Layered relevance scoring for portal connectors (title + long text + CPV)
Source:R/relevance.R
score_layered.RdScores a tender tibble the way the VMP-BB pipeline does, but in one call for
connectors that already ship a description and CPV codes (e.g. the API
portals): title_cols use the full rule (>=1 strong OR >=2 supporting),
text_cols (long free text) are matched STRONG-only (incidental supporting
hits in long text are noise), and cpv_col codes are mapped to groups.
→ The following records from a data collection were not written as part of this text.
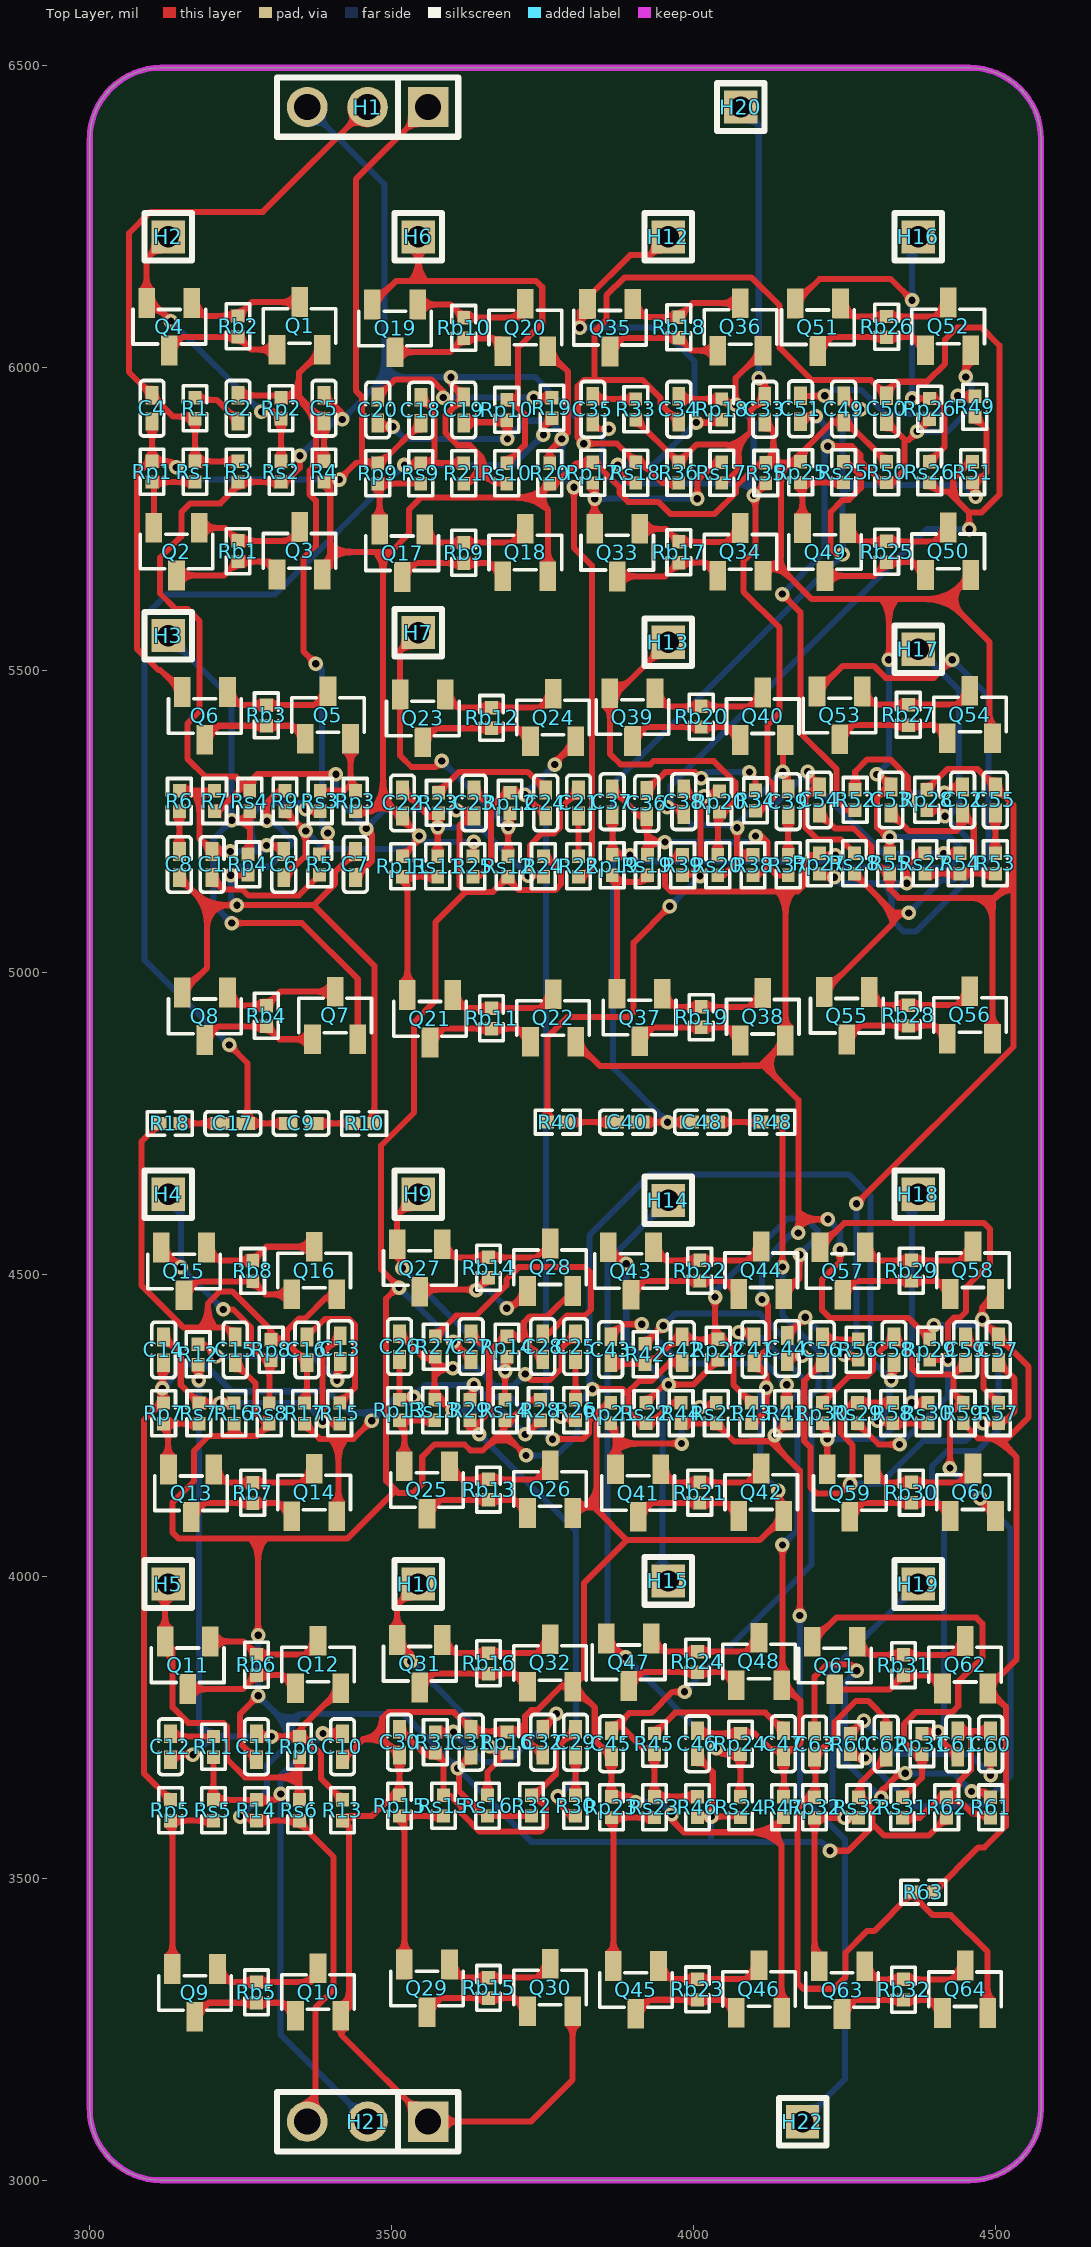
[diagram p0: Top Layer view]
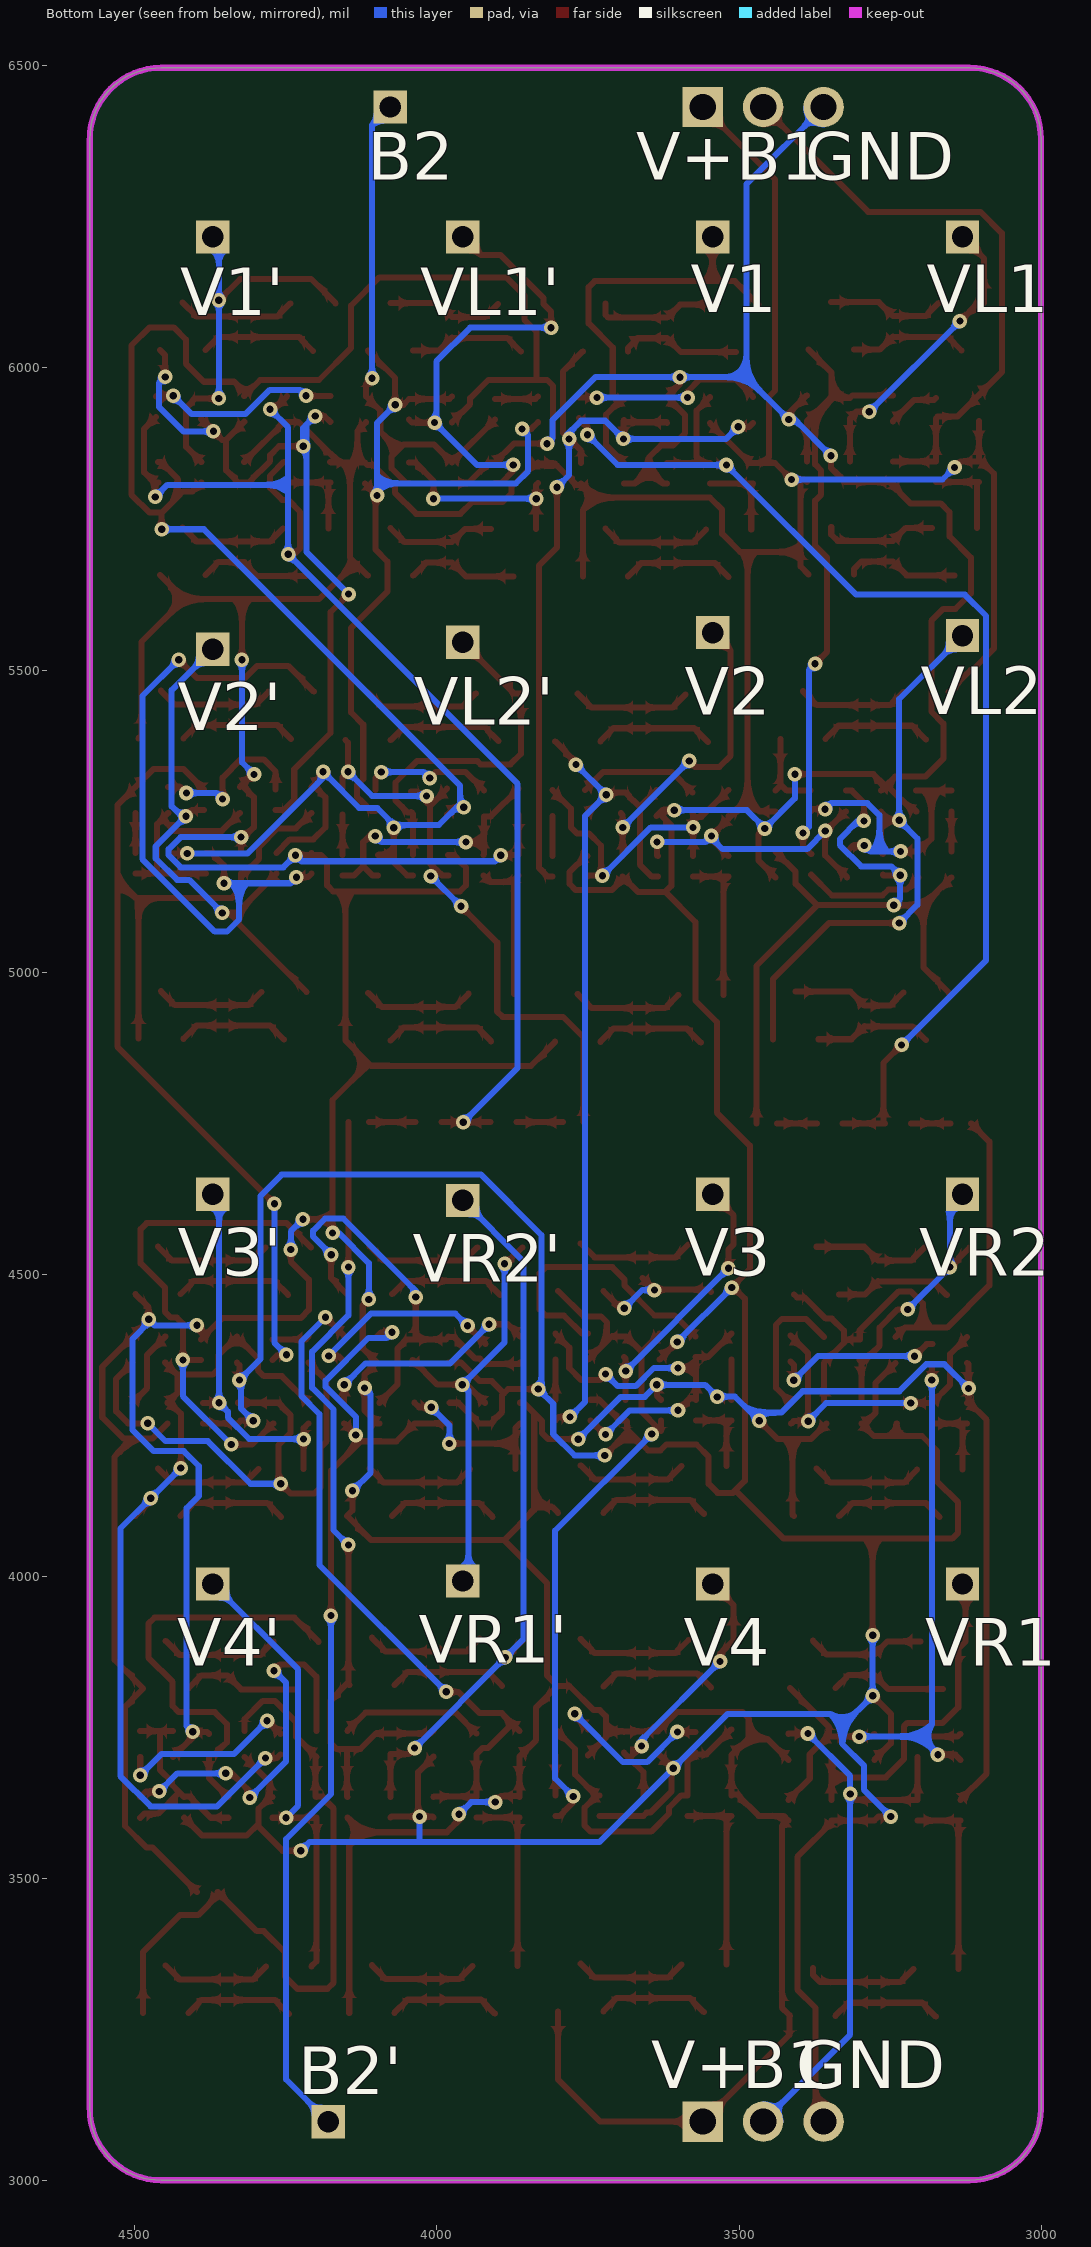
[diagram p1: Bottom Layer view, seen from below]
# Altium PCB MISC61260.pcbdoc (part 1 of 4)
Units mil, origin at the board's own origin, x right, y up, seen from the top; angles counter-clockwise.
Board outline 1574.8 x 3497.01 mil, 2 copper layers (Top Layer, Bottom Layer), stack 62.206 mil thick; 303 components, 159 nets, 654 pads, 177 vias.

## Layer stack, top to bottom
Top Solder Mask Layer: solder mask 0.394, Dk 3.3
Top Layer: signal copper 1.379
Dielectric1: surface 59.449, FR4, Dk 4.5
Bottom Layer: signal copper 1.378
Bottom Solder Mask Layer: solder mask 0.394, Dk 3.3

## Board outline
3118.11,6497.01 ccw(c3118.11,6378.9) 3000,6378.9 3000,3118.11 ccw(c3118.11,3118.11) 3118.11,3000 4456.69,3000 ccw(c4456.69,3118.11) 4574.8,3118.11 4574.8,6378.9 ccw(c4456.69,6378.9) 4456.69,6497.01 3118.11,6497.01

## Design rules (kind name [scope] priority, off if disabled: settings)
BoardOutlineClearance copperThickness2oz_1 [All] p2 off: genericclearance=7.99 ignorepadtopadclearanceinfootprint=FALSE except(0: Arc-SplitContinuation Track-SplitContinuation SMDPad-SplitContinuation THPad-SplitContinuation Via-SplitContinuation Fill-SplitContinuation Region-SplitContinuation Poly-SplitContinuation Text-SplitContinuation Hole-SplitContinuation; 5.98: Arc-CutoutEdge Track-CutoutEdge SMDPad-CutoutEdge THPad-CutoutEdge Via-CutoutEdge Text-CutoutEdge; 6.9: Hole-OutlineEdge Hole-CutoutEdge; 10: Poly-OutlineEdge Poly-CutoutEdge; 11.81: Arc-OutlineEdge Track-OutlineEdge SMDPad-OutlineEdge THPad-OutlineEdge Via-OutlineEdge Fill-OutlineEdge Region-OutlineEdge Text-OutlineEdge Fill-CutoutEdge Region-CutoutEdge)
BoardOutlineClearance Plane_innerPlane_1 [All] p4 off: genericclearance=4.02 ignorepadtopadclearanceinfootprint=FALSE except(0: Arc-SplitContinuation Track-SplitContinuation SMDPad-SplitContinuation THPad-SplitContinuation Via-SplitContinuation Fill-SplitContinuation Region-SplitContinuation Poly-SplitContinuation Text-SplitContinuation Hole-SplitContinuation; 5.98: Arc-CutoutEdge Track-CutoutEdge SMDPad-CutoutEdge THPad-CutoutEdge Via-CutoutEdge Text-CutoutEdge; 6.9: Hole-OutlineEdge Hole-CutoutEdge; 10: Poly-OutlineEdge Poly-CutoutEdge; 11.81: Arc-OutlineEdge Track-OutlineEdge SMDPad-OutlineEdge THPad-OutlineEdge Via-OutlineEdge Fill-OutlineEdge Region-OutlineEdge Text-OutlineEdge Fill-CutoutEdge Region-CutoutEdge)
BoardOutlineClearance Copper_copperRegion_1 [All] p6 off: genericclearance=4.02 ignorepadtopadclearanceinfootprint=FALSE except(0: Arc-SplitContinuation Track-SplitContinuation SMDPad-SplitContinuation THPad-SplitContinuation Via-SplitContinuation Fill-SplitContinuation Region-SplitContinuation Poly-SplitContinuation Text-SplitContinuation Hole-SplitContinuation; 5.98: Arc-CutoutEdge Track-CutoutEdge SMDPad-CutoutEdge THPad-CutoutEdge Via-CutoutEdge Text-CutoutEdge; 6.9: Hole-OutlineEdge Hole-CutoutEdge; 10: Poly-OutlineEdge Poly-CutoutEdge; 11.81: Arc-OutlineEdge Track-OutlineEdge SMDPad-OutlineEdge THPad-OutlineEdge Via-OutlineEdge Fill-OutlineEdge Region-OutlineEdge Text-OutlineEdge Fill-CutoutEdge Region-CutoutEdge)
BoardOutlineClearance copperThickness1oz_1 [All] p8: genericclearance=4.02 ignorepadtopadclearanceinfootprint=FALSE except(0: Arc-SplitContinuation Track-SplitContinuation SMDPad-SplitContinuation THPad-SplitContinuation Via-SplitContinuation Fill-SplitContinuation Region-SplitContinuation Poly-SplitContinuation Text-SplitContinuation Hole-SplitContinuation; 5.98: Arc-CutoutEdge Track-CutoutEdge SMDPad-CutoutEdge THPad-CutoutEdge Via-CutoutEdge Text-CutoutEdge; 6.9: Hole-OutlineEdge Hole-CutoutEdge; 10: Poly-OutlineEdge Poly-CutoutEdge; 11.81: Arc-OutlineEdge Track-OutlineEdge SMDPad-OutlineEdge THPad-OutlineEdge Via-OutlineEdge Fill-OutlineEdge Region-OutlineEdge Text-OutlineEdge Fill-CutoutEdge Region-CutoutEdge)
Clearance copperThickness2oz [All] p1 off: gap=7.99 ignorepadtopadclearanceinfootprint=FALSE except(5.98: SMDPad-Track SMDPad-SMDPad THPad-Track SMDPad-THPad THPad-THPad Track-Via SMDPad-Via THPad-Via Via-Via Fill-SMDPad Region-SMDPad Fill-THPad Region-THPad Fill-Via Region-Via Fill-Fill Fill-Region Region-Region Arc-Track Arc-SMDPad Arc-THPad Arc-Via Fill-Arc Region-Arc Arc-Arc Text-Track SMDPad-Text Text-THPad Text-Via Fill-Text Region-Text Arc-Text Text-Text; 6.9: Hole-Track Hole-SMDPad Hole-THPad Hole-Via Fill-Hole Region-Hole Hole-Arc Hole-Text; 10: Poly-Track Poly-SMDPad Poly-THPad Poly-Via Poly-Fill Poly-Region Poly-Poly Poly-Arc Poly-Text Poly-Hole; 11.81: Fill-Track Region-Track)
Clearance Plane_innerPlane [All] p3 off: gap=4.02 ignorepadtopadclearanceinfootprint=FALSE except(5.98: SMDPad-Track SMDPad-SMDPad THPad-Track SMDPad-THPad THPad-THPad Track-Via SMDPad-Via THPad-Via Via-Via Fill-SMDPad Region-SMDPad Fill-THPad Region-THPad Fill-Via Region-Via Fill-Fill Fill-Region Region-Region Arc-Track Arc-SMDPad Arc-THPad Arc-Via Fill-Arc Region-Arc Arc-Arc Text-Track SMDPad-Text Text-THPad Text-Via Fill-Text Region-Text Arc-Text Text-Text; 6.9: Hole-Track Hole-SMDPad Hole-THPad Hole-Via Fill-Hole Region-Hole Hole-Arc Hole-Text; 10: Poly-Track Poly-SMDPad Poly-THPad Poly-Via Poly-Fill Poly-Region Poly-Poly Poly-Arc Poly-Text Poly-Hole; 11.81: Fill-Track Region-Track)
Clearance Copper_copperRegion [All] p5 off: gap=4.02 ignorepadtopadclearanceinfootprint=FALSE except(5.98: SMDPad-Track SMDPad-SMDPad THPad-Track SMDPad-THPad THPad-THPad Track-Via SMDPad-Via THPad-Via Via-Via Fill-SMDPad Region-SMDPad Fill-THPad Region-THPad Fill-Via Region-Via Fill-Fill Fill-Region Region-Region Arc-Track Arc-SMDPad Arc-THPad Arc-Via Fill-Arc Region-Arc Arc-Arc Text-Track SMDPad-Text Text-THPad Text-Via Fill-Text Region-Text Arc-Text Text-Text; 6.9: Hole-Track Hole-SMDPad Hole-THPad Hole-Via Fill-Hole Region-Hole Hole-Arc Hole-Text; 10: Poly-Track Poly-SMDPad Poly-THPad Poly-Via Poly-Fill Poly-Region Poly-Poly Poly-Arc Poly-Text Poly-Hole; 11.81: Fill-Track Region-Track)
Clearance copperThickness1oz [All] p7: gap=4.02 ignorepadtopadclearanceinfootprint=FALSE except(5.98: SMDPad-Track SMDPad-SMDPad THPad-Track SMDPad-THPad THPad-THPad Track-Via SMDPad-Via THPad-Via Via-Via Fill-SMDPad Region-SMDPad Fill-THPad Region-THPad Fill-Via Region-Via Fill-Fill Fill-Region Region-Region Arc-Track Arc-SMDPad Arc-THPad Arc-Via Fill-Arc Region-Arc Arc-Arc Text-Track SMDPad-Text Text-THPad Text-Via Fill-Text Region-Text Arc-Text Text-Text; 6.9: Hole-Track Hole-SMDPad Hole-THPad Hole-Via Fill-Hole Region-Hole Hole-Arc Hole-Text; 10: Poly-Track Poly-SMDPad Poly-THPad Poly-Via Poly-Fill Poly-Region Poly-Poly Poly-Arc Poly-Text Poly-Hole; 11.81: Fill-Track Region-Track)
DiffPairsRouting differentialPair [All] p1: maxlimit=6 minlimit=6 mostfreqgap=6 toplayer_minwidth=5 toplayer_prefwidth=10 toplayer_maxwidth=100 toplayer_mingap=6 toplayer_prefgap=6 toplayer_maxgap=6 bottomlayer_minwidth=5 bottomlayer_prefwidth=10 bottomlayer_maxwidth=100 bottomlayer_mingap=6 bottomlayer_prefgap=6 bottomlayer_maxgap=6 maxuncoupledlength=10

The
three group sets are merged into groups, with match_source
(title/detail/cpv), cpv_groups, score and is_relevant.
Usage
score_layered(
df,
title_cols,
text_cols = character(),
cpv_col = NULL,
keywords = tender_keywords(),
cpv_map = tender_cpv_map(),
exclude = TRUE
)Arguments
- df
A data frame of tenders.
- title_cols
Columns scored with the full rule (e.g. the title).
- text_cols
Columns scored strong-only (e.g. description); default none.
- cpv_col
Name of a comma/space-separated CPV column, or
NULL.- keywords
Keyword groups (default
tender_keywords()).- cpv_map
CPV-to-group map (default
tender_cpv_map()).- exclude
Apply
apply_title_excludes()afterwards to drop construction / building / maintenance tenders (defaultTRUE).